The London Stock Exchange was heading for a conflict over corporate governance last night after it revealed plans to award fresh share options to Don Cruickshank, its non-executive chairman, and detailed £2m in special payments made last year to executives, despite the collapse of its merger plans with Deutsche Bourse.
Gavin Casey, since replaced as chief executive by Clara Furse, received a bonus of £138,000 for five-and-a-half months' work last year, along with £950,000 in compensation for loss of office. Ms Furse was paid a bonus of £50,000 just 10 weeks after joining at the end of January.
Mr Cruickshank received a bonus of £250,000, on top of £432,000 basic salary. Two other executives shared bonuses totalling £530,000. The payments were set out in the listing particulars for the LSE's forthcoming flotation.
Despite being a non-executive, Mr Cruickshank is now paid £350,000 a year, about £50,000 more than Ms Furse. He is also to enjoy a three-year term and be allowed to receive share options. Both benefits are contrary to corporate governance best practice.

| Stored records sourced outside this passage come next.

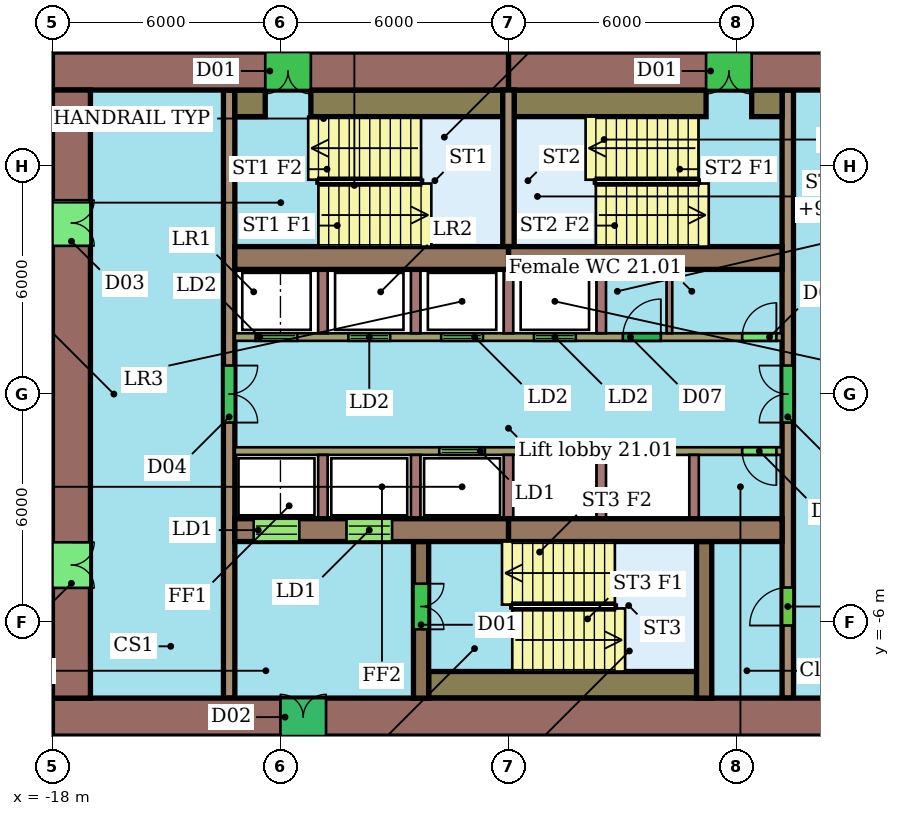
"""IFC4 building model, lengths in metres.
Left out: names, types, materials, properties, quantities, classifications, styles, units other than length and angle.
Written with IfcOpenShell. Run it as: python <this file> out.ifc"""

import sys

from ifc_helpers import new_model, si_unit, direction, frame, frame_2d, origin, place, context, subcontext, project, spatial, rectangle, extrude, element, fill, save


model = new_model("IFC4")
c1 = context("Model", 3, precision=1e-05, world=origin(), true_north=direction((0.0, 1.0)))
c2 = subcontext(c1, "Body", "Model", "MODEL_VIEW")
j1 = project(units=[si_unit("LENGTHUNIT", "METRE"), si_unit("PLANEANGLEUNIT", "RADIAN")], contexts=[c1])
p1 = place(None, origin())
s1 = spatial("IfcSite", under=j1, at=p1, CompositionType="ELEMENT")
p2 = place(p1, origin())
s2 = spatial("IfcBuilding", under=s1, at=p2, CompositionType="ELEMENT")
p3 = place(p2, frame((0.0, 0.0, 95.8)))
s3 = spatial("IfcBuildingStorey", under=s2, at=p3, CompositionType="ELEMENT", Elevation=95.8)
p4 = place(p3, frame((6.0, 8.5, 0.0), z_axis=(0.0, 0.0, 1.0), x_axis=(-1.0, 0.0, 0.0)))
e1 = element("IfcWall", 1, at=p4, inside=s3, PredefinedType="SHEAR", context=c2, shape_type="SweptSolid", body=[
    extrude(rectangle(XDim=12.0, YDim=1.0, at=frame_2d((6.0, 0.0))), origin(), (0.0, 0.0, 1.0), 3.3),
])
p5 = place(p4, frame((5.6, 0.0, 0.0)))
e2 = element("IfcOpeningElement", 2, at=p5, cuts=e1, PredefinedType="OPENING", context=c2, shape_type="SweptSolid", body=[
    extrude(rectangle(XDim=1.2, YDim=2.1, at=frame_2d((0.6, 1.05))), frame((0.0, 0.51, 0.0), z_axis=(0.0, -1.0, 0.0), x_axis=(1.0, 0.0, 0.0)), (0.0, 0.0, 1.0), 1.02),
])
p6 = place(p3, frame((-6.0, 8.5, 0.0), z_axis=(0.0, 0.0, 1.0), x_axis=(-1.0, 0.0, 0.0)))
e3 = element("IfcWall", 3, at=p6, inside=s3, PredefinedType="SHEAR", context=c2, shape_type="SweptSolid", body=[
    extrude(rectangle(XDim=12.0, YDim=1.0, at=frame_2d((6.0, 0.0))), origin(), (0.0, 0.0, 1.0), 3.3),
])
p7 = place(p6, frame((5.2, 0.0, 0.0)))
e4 = element("IfcOpeningElement", 4, at=p7, cuts=e3, PredefinedType="OPENING", context=c2, shape_type="SweptSolid", body=[
    extrude(rectangle(XDim=1.2, YDim=2.1, at=frame_2d((0.6, 1.05))), frame((0.0, 0.51, 0.0), z_axis=(0.0, -1.0, 0.0), x_axis=(1.0, 0.0, 0.0)), (0.0, 0.0, 1.0), 1.02),
])
p8 = place(p3, frame((-18.0, -8.5, 0.0), z_axis=(0.0, 0.0, 1.0), x_axis=(1.0, 0.0, 0.0)))
e5 = element("IfcWall", 5, at=p8, inside=s3, PredefinedType="SHEAR", context=c2, shape_type="SweptSolid", body=[
    extrude(rectangle(XDim=24.0, YDim=1.0, at=frame_2d((12.0, 0.0))), origin(), (0.0, 0.0, 1.0), 3.3),
])
p9 = place(p8, frame((6.0, 0.0, 0.0)))
e6 = element("IfcOpeningElement", 6, at=p9, cuts=e5, PredefinedType="OPENING", context=c2, shape_type="SweptSolid", body=[
    extrude(rectangle(XDim=1.2, YDim=2.1, at=frame_2d((0.6, 1.05))), frame((0.0, 0.51, 0.0), z_axis=(0.0, -1.0, 0.0), x_axis=(1.0, 0.0, 0.0)), (0.0, 0.0, 1.0), 1.02),
])
p10 = place(p3, frame((-17.5, 8.0, 0.0), z_axis=(0.0, 0.0, 1.0), x_axis=(0.0, -1.0, 0.0)))
e7 = element("IfcWall", 7, at=p10, inside=s3, PredefinedType="SHEAR", context=c2, shape_type="SweptSolid", body=[
    extrude(rectangle(XDim=16.0, YDim=1.0, at=frame_2d((8.0, 0.0))), origin(), (0.0, 0.0, 1.0), 3.3),
])
p11 = place(p10, frame((11.9, 0.0, 0.0)))
e8 = element("IfcOpeningElement", 8, at=p11, cuts=e7, PredefinedType="OPENING", context=c2, shape_type="SweptSolid", body=[
    extrude(rectangle(XDim=1.2, YDim=2.1, at=frame_2d((0.6, 1.05))), frame((0.0, 0.51, 0.0), z_axis=(0.0, -1.0, 0.0), x_axis=(1.0, 0.0, 0.0)), (0.0, 0.0, 1.0), 1.02),
])
p12 = place(p10, frame((2.9, 0.0, 0.0)))
e9 = element("IfcOpeningElement", 9, at=p12, cuts=e7, PredefinedType="OPENING", context=c2, shape_type="SweptSolid", body=[
    extrude(rectangle(XDim=1.2, YDim=2.1, at=frame_2d((0.6, 1.05))), frame((0.0, 0.51, 0.0), z_axis=(0.0, -1.0, 0.0), x_axis=(1.0, 0.0, 0.0)), (0.0, 0.0, 1.0), 1.02),
])
for number, where, z_axis, x_axis in (
    (10, (-13.2, 3.58, 0.0), (0.0, 0.0, 1.0), (1.0, 0.0, 0.0)),
    (11, (-6.0, 3.58, 0.0), (0.0, 0.0, 1.0), (1.0, 0.0, 0.0)),
):
    element("IfcWall", number, at=place(p3, frame(where, z_axis=z_axis, x_axis=x_axis)), inside=s3, PredefinedType="SHEAR", context=c2, shape_type="SweptSolid", body=[
        extrude(rectangle(XDim=7.2, YDim=0.6, at=frame_2d((3.6, 0.0))), origin(), (0.0, 0.0, 1.0), 3.3),
    ])
p13 = place(p3, frame((-13.2, -3.58, 0.0), z_axis=(0.0, 0.0, 1.0), x_axis=(1.0, 0.0, 0.0)))
e12 = element("IfcWall", 12, at=p13, inside=s3, PredefinedType="SHEAR", context=c2, shape_type="SweptSolid", body=[
    extrude(rectangle(XDim=7.2, YDim=0.6, at=frame_2d((3.6, 0.0))), origin(), (0.0, 0.0, 1.0), 3.3),
])
p14 = place(p13, frame((0.496, 0.0, 0.0)))
e13 = element("IfcOpeningElement", 13, at=p14, cuts=e12, PredefinedType="OPENING", context=c2, shape_type="SweptSolid", body=[
    extrude(rectangle(XDim=1.2, YDim=2.1, at=frame_2d((0.6, 1.05))), frame((0.0, 0.31, 0.0), z_axis=(0.0, -1.0, 0.0), x_axis=(1.0, 0.0, 0.0)), (0.0, 0.0, 1.0), 0.62),
])
p15 = place(p13, frame((2.938, 0.0, 0.0)))
e14 = element("IfcOpeningElement", 14, at=p15, cuts=e12, PredefinedType="OPENING", context=c2, shape_type="SweptSolid", body=[
    extrude(rectangle(XDim=1.2, YDim=2.1, at=frame_2d((0.6, 1.05))), frame((0.0, 0.31, 0.0), z_axis=(0.0, -1.0, 0.0), x_axis=(1.0, 0.0, 0.0)), (0.0, 0.0, 1.0), 0.62),
])
p16 = place(p3, frame((-6.0, -3.58, 0.0), z_axis=(0.0, 0.0, 1.0), x_axis=(1.0, 0.0, 0.0)))
e15 = element("IfcWall", 15, at=p16, inside=s3, PredefinedType="SHEAR", context=c2, shape_type="SweptSolid", body=[
    extrude(rectangle(XDim=7.2, YDim=0.6, at=frame_2d((3.6, 0.0))), origin(), (0.0, 0.0, 1.0), 3.3),
])
p17 = place(p3, frame((-13.35, 8.0, 0.0), z_axis=(0.0, 0.0, 1.0), x_axis=(0.0, -1.0, 0.0)))
e16 = element("IfcWall", 16, at=p17, inside=s3, PredefinedType="SHEAR", context=c2, shape_type="SweptSolid", body=[
    extrude(rectangle(XDim=16.0, YDim=0.3, at=frame_2d((8.0, 0.0))), origin(), (0.0, 0.0, 1.0), 3.3),
])
p18 = place(p17, frame((7.25, 0.0, 0.0)))
e17 = element("IfcOpeningElement", 17, at=p18, cuts=e16, PredefinedType="OPENING", context=c2, shape_type="SweptSolid", body=[
    extrude(rectangle(XDim=1.5, YDim=2.1, at=frame_2d((0.75, 1.05))), frame((0.0, 0.16, 0.0), z_axis=(0.0, -1.0, 0.0), x_axis=(1.0, 0.0, 0.0)), (0.0, 0.0, 1.0), 0.32),
])
p19 = place(p3, frame((1.35, -8.0, 0.0), z_axis=(0.0, 0.0, 1.0), x_axis=(0.0, 1.0, 0.0)))
e18 = element("IfcWall", 18, at=p19, inside=s3, PredefinedType="SHEAR", context=c2, shape_type="SweptSolid", body=[
    extrude(rectangle(XDim=16.0, YDim=0.3, at=frame_2d((8.0, 0.0))), origin(), (0.0, 0.0, 1.0), 3.3),
])
p20 = place(p19, frame((1.91, 0.0, 0.0)))
e19 = element("IfcOpeningElement", 19, at=p20, cuts=e18, PredefinedType="OPENING", context=c2, shape_type="SweptSolid", body=[
    extrude(rectangle(XDim=1.0, YDim=2.1, at=frame_2d((0.5, 1.05))), frame((0.0, 0.16, 0.0), z_axis=(0.0, -1.0, 0.0), x_axis=(1.0, 0.0, 0.0)), (0.0, 0.0, 1.0), 0.32),
])
p21 = place(p19, frame((7.25, 0.0, 0.0)))
e20 = element("IfcOpeningElement", 20, at=p21, cuts=e18, PredefinedType="OPENING", context=c2, shape_type="SweptSolid", body=[
    extrude(rectangle(XDim=1.5, YDim=2.1, at=frame_2d((0.75, 1.05))), frame((0.0, 0.16, 0.0), z_axis=(0.0, -1.0, 0.0), x_axis=(1.0, 0.0, 0.0)), (0.0, 0.0, 1.0), 0.32),
])
p22 = place(p3, frame((-13.2, 1.5, 0.0), z_axis=(0.0, 0.0, 1.0), x_axis=(1.0, 0.0, 0.0)))
e21 = element("IfcWall", 21, at=p22, inside=s3, PredefinedType="SHEAR", context=c2, shape_type="SweptSolid", body=[
    extrude(rectangle(XDim=14.4, YDim=0.2, at=frame_2d((7.2, 0.0))), origin(), (0.0, 0.0, 1.0), 3.3),
])
p23 = place(p22, frame((0.546, 0.0, 0.0)))
e22 = element("IfcOpeningElement", 22, at=p23, cuts=e21, PredefinedType="OPENING", context=c2, shape_type="SweptSolid", body=[
    extrude(rectangle(XDim=1.1, YDim=2.1, at=frame_2d((0.55, 1.05))), frame((0.0, 0.11, 0.0), z_axis=(0.0, -1.0, 0.0), x_axis=(1.0, 0.0, 0.0)), (0.0, 0.0, 1.0), 0.22),
])
p24 = place(p22, frame((2.988, 0.0, 0.0)))
e23 = element("IfcOpeningElement", 23, at=p24, cuts=e21, PredefinedType="OPENING", context=c2, shape_type="SweptSolid", body=[
    extrude(rectangle(XDim=1.1, YDim=2.1, at=frame_2d((0.55, 1.05))), frame((0.0, 0.11, 0.0), z_axis=(0.0, -1.0, 0.0), x_axis=(1.0, 0.0, 0.0)), (0.0, 0.0, 1.0), 0.22),
])
p25 = place(p22, frame((5.429, 0.0, 0.0)))
e24 = element("IfcOpeningElement", 24, at=p25, cuts=e21, PredefinedType="OPENING", context=c2, shape_type="SweptSolid", body=[
    extrude(rectangle(XDim=1.1, YDim=2.1, at=frame_2d((0.55, 1.05))), frame((0.0, 0.11, 0.0), z_axis=(0.0, -1.0, 0.0), x_axis=(1.0, 0.0, 0.0)), (0.0, 0.0, 1.0), 0.22),
])
p26 = place(p22, frame((7.871, 0.0, 0.0)))
e25 = element("IfcOpeningElement", 25, at=p26, cuts=e21, PredefinedType="OPENING", context=c2, shape_type="SweptSolid", body=[
    extrude(rectangle(XDim=1.1, YDim=2.1, at=frame_2d((0.55, 1.05))), frame((0.0, 0.11, 0.0), z_axis=(0.0, -1.0, 0.0), x_axis=(1.0, 0.0, 0.0)), (0.0, 0.0, 1.0), 0.22),
])
p27 = place(p22, frame((10.21, 0.0, 0.0)))
e26 = element("IfcOpeningElement", 26, at=p27, cuts=e21, PredefinedType="OPENING", context=c2, shape_type="SweptSolid", body=[
    extrude(rectangle(XDim=1.0, YDim=2.1, at=frame_2d((0.5, 1.05))), frame((0.0, 0.11, 0.0), z_axis=(0.0, -1.0, 0.0), x_axis=(1.0, 0.0, 0.0)), (0.0, 0.0, 1.0), 0.22),
])
p28 = place(p22, frame((13.35, 0.0, 0.0)))
e27 = element("IfcOpeningElement", 27, at=p28, cuts=e21, PredefinedType="OPENING", context=c2, shape_type="SweptSolid", body=[
    extrude(rectangle(XDim=0.9, YDim=2.1, at=frame_2d((0.45, 1.05))), frame((0.0, 0.11, 0.0), z_axis=(0.0, -1.0, 0.0), x_axis=(1.0, 0.0, 0.0)), (0.0, 0.0, 1.0), 0.22),
])
p29 = place(p3, frame((1.2, -1.5, 0.0), z_axis=(0.0, 0.0, 1.0), x_axis=(-1.0, 0.0, 0.0)))
e28 = element("IfcWall", 28, at=p29, inside=s3, PredefinedType="SHEAR", context=c2, shape_type="SweptSolid", body=[
    extrude(rectangle(XDim=14.4, YDim=0.2, at=frame_2d((7.2, 0.0))), origin(), (0.0, 0.0, 1.0), 3.3),
])
p30 = place(p29, frame((7.821, 0.0, 0.0)))
e29 = element("IfcOpeningElement", 29, at=p30, cuts=e28, PredefinedType="OPENING", context=c2, shape_type="SweptSolid", body=[
    extrude(rectangle(XDim=1.2, YDim=2.1, at=frame_2d((0.6, 1.05))), frame((0.0, 0.11, 0.0), z_axis=(0.0, -1.0, 0.0), x_axis=(1.0, 0.0, 0.0)), (0.0, 0.0, 1.0), 0.22),
])
p31 = place(p29, frame((0.15, 0.0, 0.0)))
e30 = element("IfcOpeningElement", 30, at=p31, cuts=e28, PredefinedType="OPENING", context=c2, shape_type="SweptSolid", body=[
    extrude(rectangle(XDim=0.9, YDim=2.1, at=frame_2d((0.45, 1.05))), frame((0.0, 0.11, 0.0), z_axis=(0.0, -1.0, 0.0), x_axis=(1.0, 0.0, 0.0)), (0.0, 0.0, 1.0), 0.22),
])
p32 = place(p3, frame((-8.3, -3.88, 0.0), z_axis=(0.0, 0.0, 1.0), x_axis=(0.0, -1.0, 0.0)))
e31 = element("IfcWall", 31, at=p32, inside=s3, PredefinedType="SHEAR", context=c2, shape_type="SweptSolid", body=[
    extrude(rectangle(XDim=4.12, YDim=0.4, at=frame_2d((2.06, 0.0))), origin(), (0.0, 0.0, 1.0), 3.3),
])
p33 = place(p32, frame((1.11, 0.0, 0.0)))
e32 = element("IfcOpeningElement", 32, at=p33, cuts=e31, PredefinedType="OPENING", context=c2, shape_type="SweptSolid", body=[
    extrude(rectangle(XDim=1.2, YDim=2.1, at=frame_2d((0.6, 1.05))), frame((0.0, 0.21, 0.0), z_axis=(0.0, -1.0, 0.0), x_axis=(1.0, 0.0, 0.0)), (0.0, 0.0, 1.0), 0.42),
])
p34 = place(p3, frame((-0.85, -3.88, 0.0), z_axis=(0.0, 0.0, 1.0), x_axis=(0.0, -1.0, 0.0)))
e33 = element("IfcWall", 33, at=p34, inside=s3, PredefinedType="SHEAR", context=c2, shape_type="SweptSolid", body=[
    extrude(rectangle(XDim=4.12, YDim=0.4, at=frame_2d((2.06, 0.0))), origin(), (0.0, 0.0, 1.0), 3.3),
])
p35 = place(p3, frame((-6.0, 3.88, 0.0), z_axis=(0.0, 0.0, 1.0), x_axis=(0.0, 1.0, 0.0)))
e34 = element("IfcWall", 34, at=p35, inside=s3, PredefinedType="SHEAR", context=c2, shape_type="SweptSolid", body=[
    extrude(rectangle(XDim=4.12, YDim=0.3, at=frame_2d((2.06, 0.0))), origin(), (0.0, 0.0, 1.0), 3.3),
])
p36 = place(p3, frame((-13.2, 7.65, 0.0), z_axis=(0.0, 0.0, 1.0), x_axis=(1.0, 0.0, 0.0)))
e35 = element("IfcWall", 35, at=p36, inside=s3, PredefinedType="SHEAR", context=c2, shape_type="SweptSolid", body=[
    extrude(rectangle(XDim=0.8, YDim=0.7, at=frame_2d((0.4, 0.0))), origin(), (0.0, 0.0, 1.0), 3.3),
])
for number, where, z_axis, x_axis in (
    (36, (-11.2, 7.65, 0.0), (0.0, 0.0, 1.0), (1.0, 0.0, 0.0)),
    (37, (-5.85, 7.65, 0.0), (0.0, 0.0, 1.0), (1.0, 0.0, 0.0)),
):
    element("IfcWall", number, at=place(p3, frame(where, z_axis=z_axis, x_axis=x_axis)), inside=s3, PredefinedType="SHEAR", context=c2, shape_type="SweptSolid", body=[
        extrude(rectangle(XDim=5.05, YDim=0.7, at=frame_2d((2.525, 0.0))), origin(), (0.0, 0.0, 1.0), 3.3),
    ])
p37 = place(p3, frame((0.4, 7.65, 0.0), z_axis=(0.0, 0.0, 1.0), x_axis=(1.0, 0.0, 0.0)))
e38 = element("IfcWall", 38, at=p37, inside=s3, PredefinedType="SHEAR", context=c2, shape_type="SweptSolid", body=[
    extrude(rectangle(XDim=0.8, YDim=0.7, at=frame_2d((0.4, 0.0))), origin(), (0.0, 0.0, 1.0), 3.3),
])
p38 = place(p3, frame((-8.1, -7.65, 0.0), z_axis=(0.0, 0.0, 1.0), x_axis=(1.0, 0.0, 0.0)))
e39 = element("IfcWall", 39, at=p38, inside=s3, PredefinedType="SHEAR", context=c2, shape_type="SweptSolid", body=[
    extrude(rectangle(XDim=7.05, YDim=0.7, at=frame_2d((3.525, 0.0))), origin(), (0.0, 0.0, 1.0), 3.3),
])
for number, where, z_axis, x_axis in (
    (40, (-10.883, 1.6, 0.0), (0.0, 0.0, 1.0), (0.0, 1.0, 0.0)),
    (41, (-8.442, 1.6, 0.0), (0.0, 0.0, 1.0), (0.0, 1.0, 0.0)),
    (42, (-6.0, 1.6, 0.0), (0.0, 0.0, 1.0), (0.0, 1.0, 0.0)),
    (43, (-3.558, 1.6, 0.0), (0.0, 0.0, 1.0), (0.0, 1.0, 0.0)),
):
    element("IfcWall", number, at=place(p3, frame(where, z_axis=z_axis, x_axis=x_axis)), inside=s3, PredefinedType="SHEAR", context=c2, shape_type="SweptSolid", body=[
        extrude(rectangle(XDim=1.68, YDim=0.25, at=frame_2d((0.84, 0.0))), origin(), (0.0, 0.0, 1.0), 3.3),
    ])
p39 = place(p3, frame((-1.765, 1.6, 0.0), z_axis=(0.0, 0.0, 1.0), x_axis=(0.0, 1.0, 0.0)))
e44 = element("IfcWall", 44, at=p39, inside=s3, PredefinedType="PARTITIONING", context=c2, shape_type="SweptSolid", body=[
    extrude(rectangle(XDim=1.68, YDim=0.15, at=frame_2d((0.84, 0.0))), origin(), (0.0, 0.0, 1.0), 3.3),
])
for number, where, z_axis, x_axis in (
    (45, (-10.883, -1.6, 0.0), (0.0, 0.0, 1.0), (0.0, -1.0, 0.0)),
    (46, (-8.442, -1.6, 0.0), (0.0, 0.0, 1.0), (0.0, -1.0, 0.0)),
    (47, (-6.0, -1.6, 0.0), (0.0, 0.0, 1.0), (0.0, -1.0, 0.0)),
    (48, (-3.558, -1.6, 0.0), (0.0, 0.0, 1.0), (0.0, -1.0, 0.0)),
    (49, (-1.117, -1.6, 0.0), (0.0, 0.0, 1.0), (0.0, -1.0, 0.0)),
):
    element("IfcWall", number, at=place(p3, frame(where, z_axis=z_axis, x_axis=x_axis)), inside=s3, PredefinedType="SHEAR", context=c2, shape_type="SweptSolid", body=[
        extrude(rectangle(XDim=1.68, YDim=0.25, at=frame_2d((0.84, 0.0))), origin(), (0.0, 0.0, 1.0), 3.3),
    ])
p40 = place(p5, origin())
e50 = element("IfcDoor", 50, at=p40, inside=s3, OperationType="DOUBLE_DOOR_SINGLE_SWING", PredefinedType="NOTDEFINED", context=c2, shape_type="SweptSolid", body=[
    extrude(rectangle(XDim=1.2, YDim=2.1, at=frame_2d((0.6, 1.05))), frame((0.0, 0.025, 0.0), z_axis=(0.0, -1.0, 0.0), x_axis=(1.0, 0.0, 0.0)), (0.0, 0.0, 1.0), 0.05),
])
fill(e2, e50)
p41 = place(p7, origin())
e51 = element("IfcDoor", 51, at=p41, inside=s3, OperationType="DOUBLE_DOOR_SINGLE_SWING", PredefinedType="NOTDEFINED", context=c2, shape_type="SweptSolid", body=[
    extrude(rectangle(XDim=1.2, YDim=2.1, at=frame_2d((0.6, 1.05))), frame((0.0, 0.025, 0.0), z_axis=(0.0, -1.0, 0.0), x_axis=(1.0, 0.0, 0.0)), (0.0, 0.0, 1.0), 0.05),
])
fill(e4, e51)
p42 = place(p9, origin())
e52 = element("IfcDoor", 52, at=p42, inside=s3, OperationType="DOUBLE_DOOR_SINGLE_SWING", PredefinedType="NOTDEFINED", context=c2, shape_type="SweptSolid", body=[
    extrude(rectangle(XDim=1.2, YDim=2.1, at=frame_2d((0.6, 1.05))), frame((0.0, 0.025, 0.0), z_axis=(0.0, -1.0, 0.0), x_axis=(1.0, 0.0, 0.0)), (0.0, 0.0, 1.0), 0.05),
])
fill(e6, e52)
p43 = place(p11, origin())
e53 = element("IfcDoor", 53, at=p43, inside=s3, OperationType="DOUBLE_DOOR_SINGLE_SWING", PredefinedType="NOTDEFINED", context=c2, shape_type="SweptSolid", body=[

The LSE said its remuneration committee "would not expect" to grant options to Mr Cruickshank. But in the event of a takeover he would receive a pay-off equal to one year's salary and share options of a value to be determined by the remuneration committee. Fees paid to each of the LSE's other main non-executive directors will double to £30,000.
The LSE confirmed that it expected the shares to commence trading on 20 July, although the listing documents contained little by way of additional information about strategy.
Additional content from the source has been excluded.